Everyone in the room knew what Parsons was referring to: the Bunnell commission is currently reviewing the planned unit development agreement for a mammoth development called the Reserve at Haw Creek, a proposed 8,000-house development that would dwarf Grand Reserve and would be the largest single development since Palm Coast began construction in the late 1960s. The Reserve would sprawl west and south of the city. The city’s planning board has analyzed the planning document rigorously. The City Commission, with occasional exceptions, has not. The state raised objections in the planning document, which is moving toward regulatory approval, though with further work by the administration.
Bunnell originally approved Grand Reserve in 2000 when it was called Oak Branch. Back then it was a planned unit development of 157 houses. It never got past a few houses. The housing crash stopped construction. Jacksonville-based D.R. Horton, the home builder, bought the subdivision in 2017, turned it into a master planned development, and won approval for 686 houses in six phases, increasing the total to 847 since through subsequent amendments, on nearly 700 acres.
Bunnell’s population before Grand Reserve began in 2010 had a population of 2,676, according to the Census. Today, the city’s population is at 3,500, a 31 percent increase almost entirely attributable to Grand Reserve. The subdivision has been changing the city’s politics, too.

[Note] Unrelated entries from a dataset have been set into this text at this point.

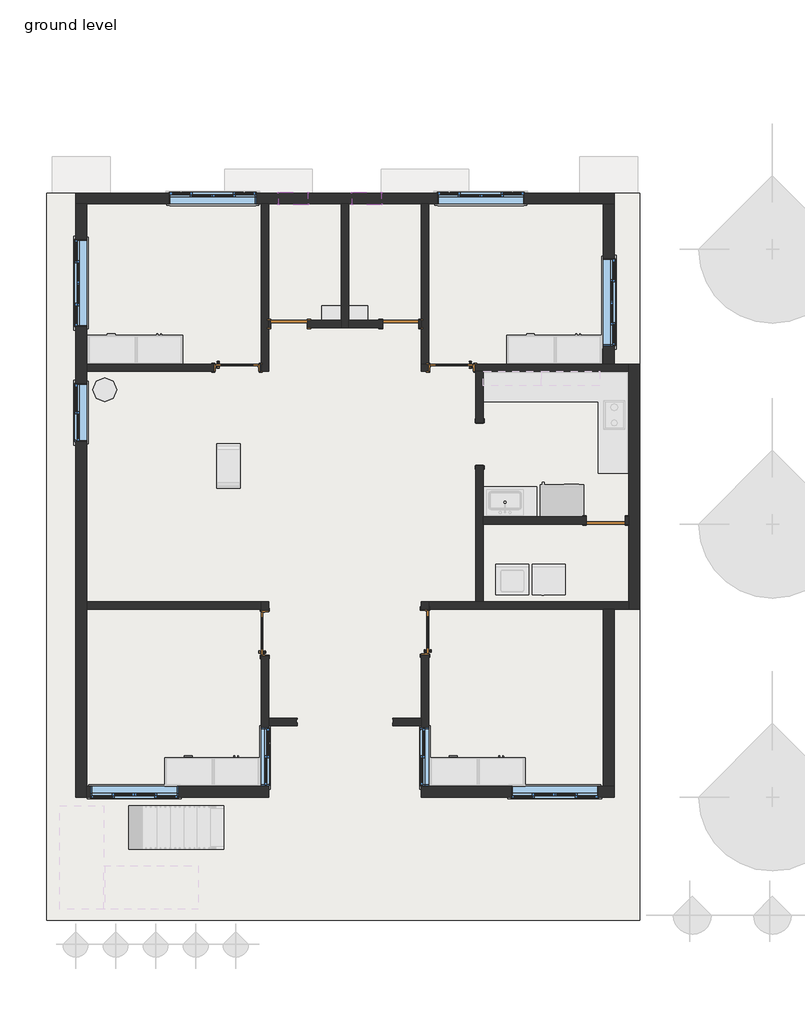
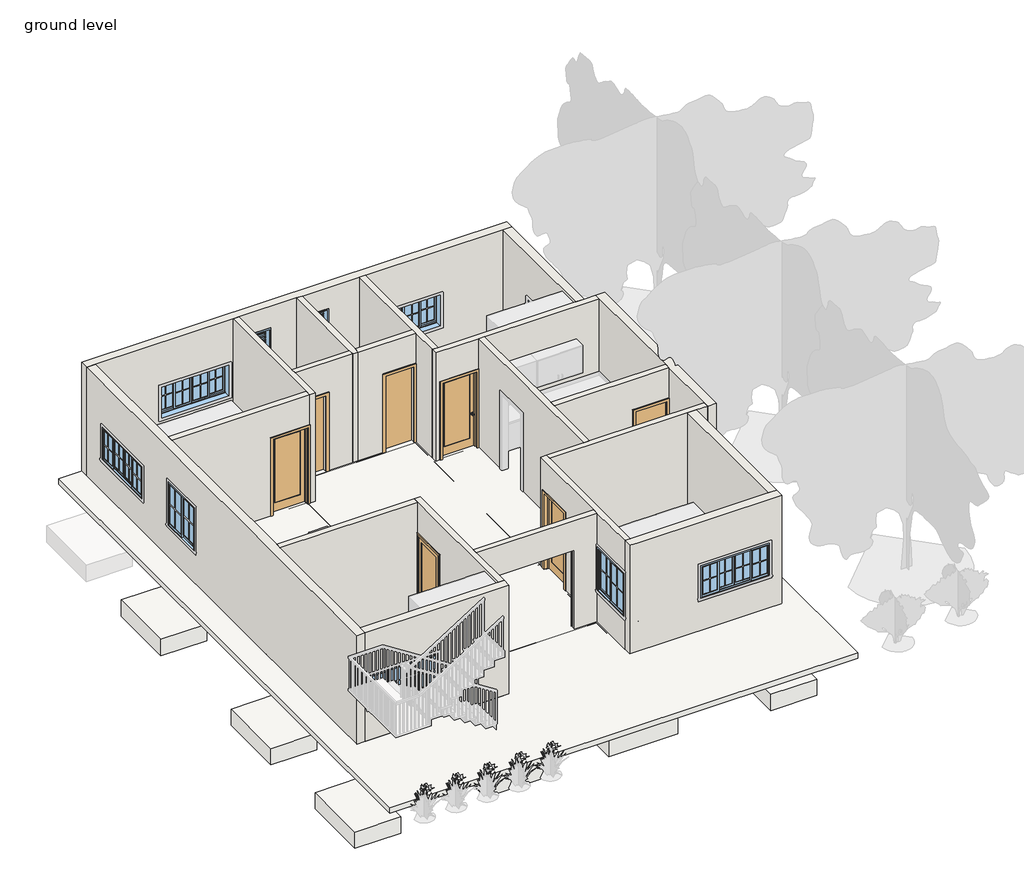
# One storey, part 1 of 4: 21 walls, 11 windows, 10 slabs, 7 beams, 7 doors.
"""IFC4 building model written with IfcOpenShell, lengths in millimetres."""

from ifc_helpers import new_model, si_unit, frame, origin, place, context, project, spatial, polyline, outline, extrude, faceted_brep, transform, mapped, element, save
from components import door_010cc4d9, door_5a860750, door_e2b13fe9, door_a9addea7, door_bb092f7c, window_f2d8fef0, window_c1e3dfc0, window_49fe3060, window_58cce754

model = new_model("IFC4")

# Units and contexts
model_context = context("Model", 3, world=origin())
ifc_project = project(units=[si_unit("LENGTHUNIT", "METRE", prefix="MILLI")], contexts=[model_context])

# Site, building, storey
site = spatial("IfcSite", under=ifc_project)
building = spatial("IfcBuilding", under=site)
storey = spatial("IfcBuildingStorey", under=building, Name="ground level", Elevation=609.6)

# Beams
placement = place(None, origin())
element("IfcBeam", 1, ObjectType="Concrete-Rectangular Beam", at=placement, inside=storey, context=model_context, shape_type="SweptSolid", body=[
    extrude(outline(polyline([(-1593.2124084, 1316.1961804), (-1364.6124084, 1316.1961804), (-1364.6124084, -2163.6038196), (-1593.2124084, -2163.6038196), (-1593.2124084, 1316.1961804)])), frame((0.0, 0.0, 304.8), z_axis=(0.0, 0.0, 1.0), x_axis=(1.0, 0.0, 0.0)), (0.0, 0.0, 1.0), 304.8),
])
element("IfcBeam", 2, ObjectType="Concrete-Rectangular Beam", at=placement, inside=storey, context=model_context, shape_type="Brep", body=[
    faceted_brep([(-1593.2124084, -2430.3038196, 609.6), (-1593.2124084, -2201.7038196, 609.6), (-5212.7124084, -2201.7038196, 609.6), (-5441.3124084, -2201.7038196, 609.6), (-5441.3124084, -2239.8038196, 609.6), (-5174.6124084, -2239.8038196, 609.6), (-5174.6124084, -2430.3038196, 609.6), (-1593.2124084, -2201.7038196, 304.8), (-5212.7124084, -2201.7038196, 304.8), (-5441.3124084, -2201.7038196, 304.8), (-1593.2124084, -2430.3038196, 304.8), (-5174.6124084, -2430.3038196, 304.8), (-5174.6124084, -2239.8038196, 304.8), (-5441.3124084, -2239.8038196, 304.8)], [[[0, 1, 2, 3, 4, 5, 6]], [[1, 7, 8, 9, 3, 2]], [[7, 10, 11, 12, 13, 9, 8]], [[6, 11, 10, 0]], [[0, 10, 7, 1]], [[12, 5, 4, 13]], [[5, 12, 11, 6]], [[3, 9, 13, 4]]]),
])
element("IfcBeam", 3, ObjectType="Concrete-Rectangular Beam", at=placement, inside=storey, context=model_context, shape_type="Brep", body=[
    faceted_brep([(-8756.0124084, -2468.4038196, 609.6), (-8756.0124084, -2239.8038196, 609.6), (-8794.1124084, -2239.8038196, 609.6), (-12413.6124084, -2239.8038196, 609.6), (-12413.6124084, -2468.4038196, 609.6), (-8756.0124084, -2239.8038196, 304.8), (-8794.1124084, -2239.8038196, 304.8), (-12413.6124084, -2239.8038196, 304.8), (-8756.0124084, -2468.4038196, 304.8), (-12413.6124084, -2468.4038196, 304.8)], [[[0, 1, 2, 3, 4]], [[1, 5, 6, 7, 3, 2]], [[5, 8, 9, 7, 6]], [[8, 0, 4, 9]], [[1, 0, 8, 5]], [[4, 3, 7, 9]]]),
])
element("IfcBeam", 4, ObjectType="Concrete-Rectangular Beam", at=placement, inside=storey, context=model_context, shape_type="SweptSolid", body=[
    extrude(outline(polyline([(-12642.2124084, 9875.9961804), (-12413.6124084, 9875.9961804), (-12413.6124084, 6751.7961804), (-12642.2124084, 6751.7961804), (-12642.2124084, 9875.9961804)])), frame((0.0, 0.0, 304.8), z_axis=(0.0, 0.0, 1.0), x_axis=(1.0, 0.0, 0.0)), (0.0, 0.0, 1.0), 304.8),
    extrude(outline(polyline([(-12413.6124084, -2163.6038196), (-12642.2124084, -2163.6038196), (-12642.2124084, 1392.3961804), (-12413.6124084, 1392.3961804), (-12413.6124084, -2163.6038196)])), frame((0.0, 0.0, 304.8), z_axis=(0.0, 0.0, 1.0), x_axis=(1.0, 0.0, 0.0)), (0.0, 0.0, 1.0), 304.8),
    extrude(outline(polyline([(-12413.6124084, 1697.1961804), (-12642.2124084, 1697.1961804), (-12642.2124084, 6446.9961804), (-12413.6124084, 6446.9961804), (-12413.6124084, 1697.1961804)])), frame((0.0, 0.0, 304.8), z_axis=(0.0, 0.0, 1.0), x_axis=(1.0, 0.0, 0.0)), (0.0, 0.0, 1.0), 304.8),
])
element("IfcBeam", 5, ObjectType="Concrete-Rectangular Beam", at=placement, inside=storey, context=model_context, shape_type="Brep", body=[
    faceted_brep([(-843.9124084, 1659.0961804, 609.6), (-843.9124084, 1430.4961804, 609.6), (-843.9124084, 1430.4961804, 304.8), (-843.9124084, 1659.0961804, 304.8), (-5098.4124084, 1659.0961804, 609.6), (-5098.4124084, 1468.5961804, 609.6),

The City Commission, previously stocked with residents of Saw Mill Estates, is now seeing an increasing number of representatives elected from Grand Reserve. Both new members of the commission elected in the March election, David Atkinson and Dean Sechrist, were elected from Grand Reserve. They are neighbors on Birdie Way.
The subdivision has shifted the political center of gravity to such an extent as to all but negate the power of South Bunnell, the predominantly Black section of town, to win representation on the commission. Before Grand Reserve, a South Bunnell representatives was almost always on the commission.
The development agreement called for houses of 1,200 square feet at a minimum, on 4,000 square foot lots, or 40 feet wide and 115 feet deep. All road construction, including striping, stop bars (or speed bumps) were built by the developer, along with conservation easements, retention ponds, subdivision entry walls, and passive and active recreational areas. The subdivision is administered by a homeowner association responsible for operation, maintenance, and control of all common areas and common facilities, including signage, landscaping, stormwater management and private roads, with association levies. All homeowners are required to be members of the association. In 2018, the plan called for substantial completion of the subdivision within 15 years, or by 2033.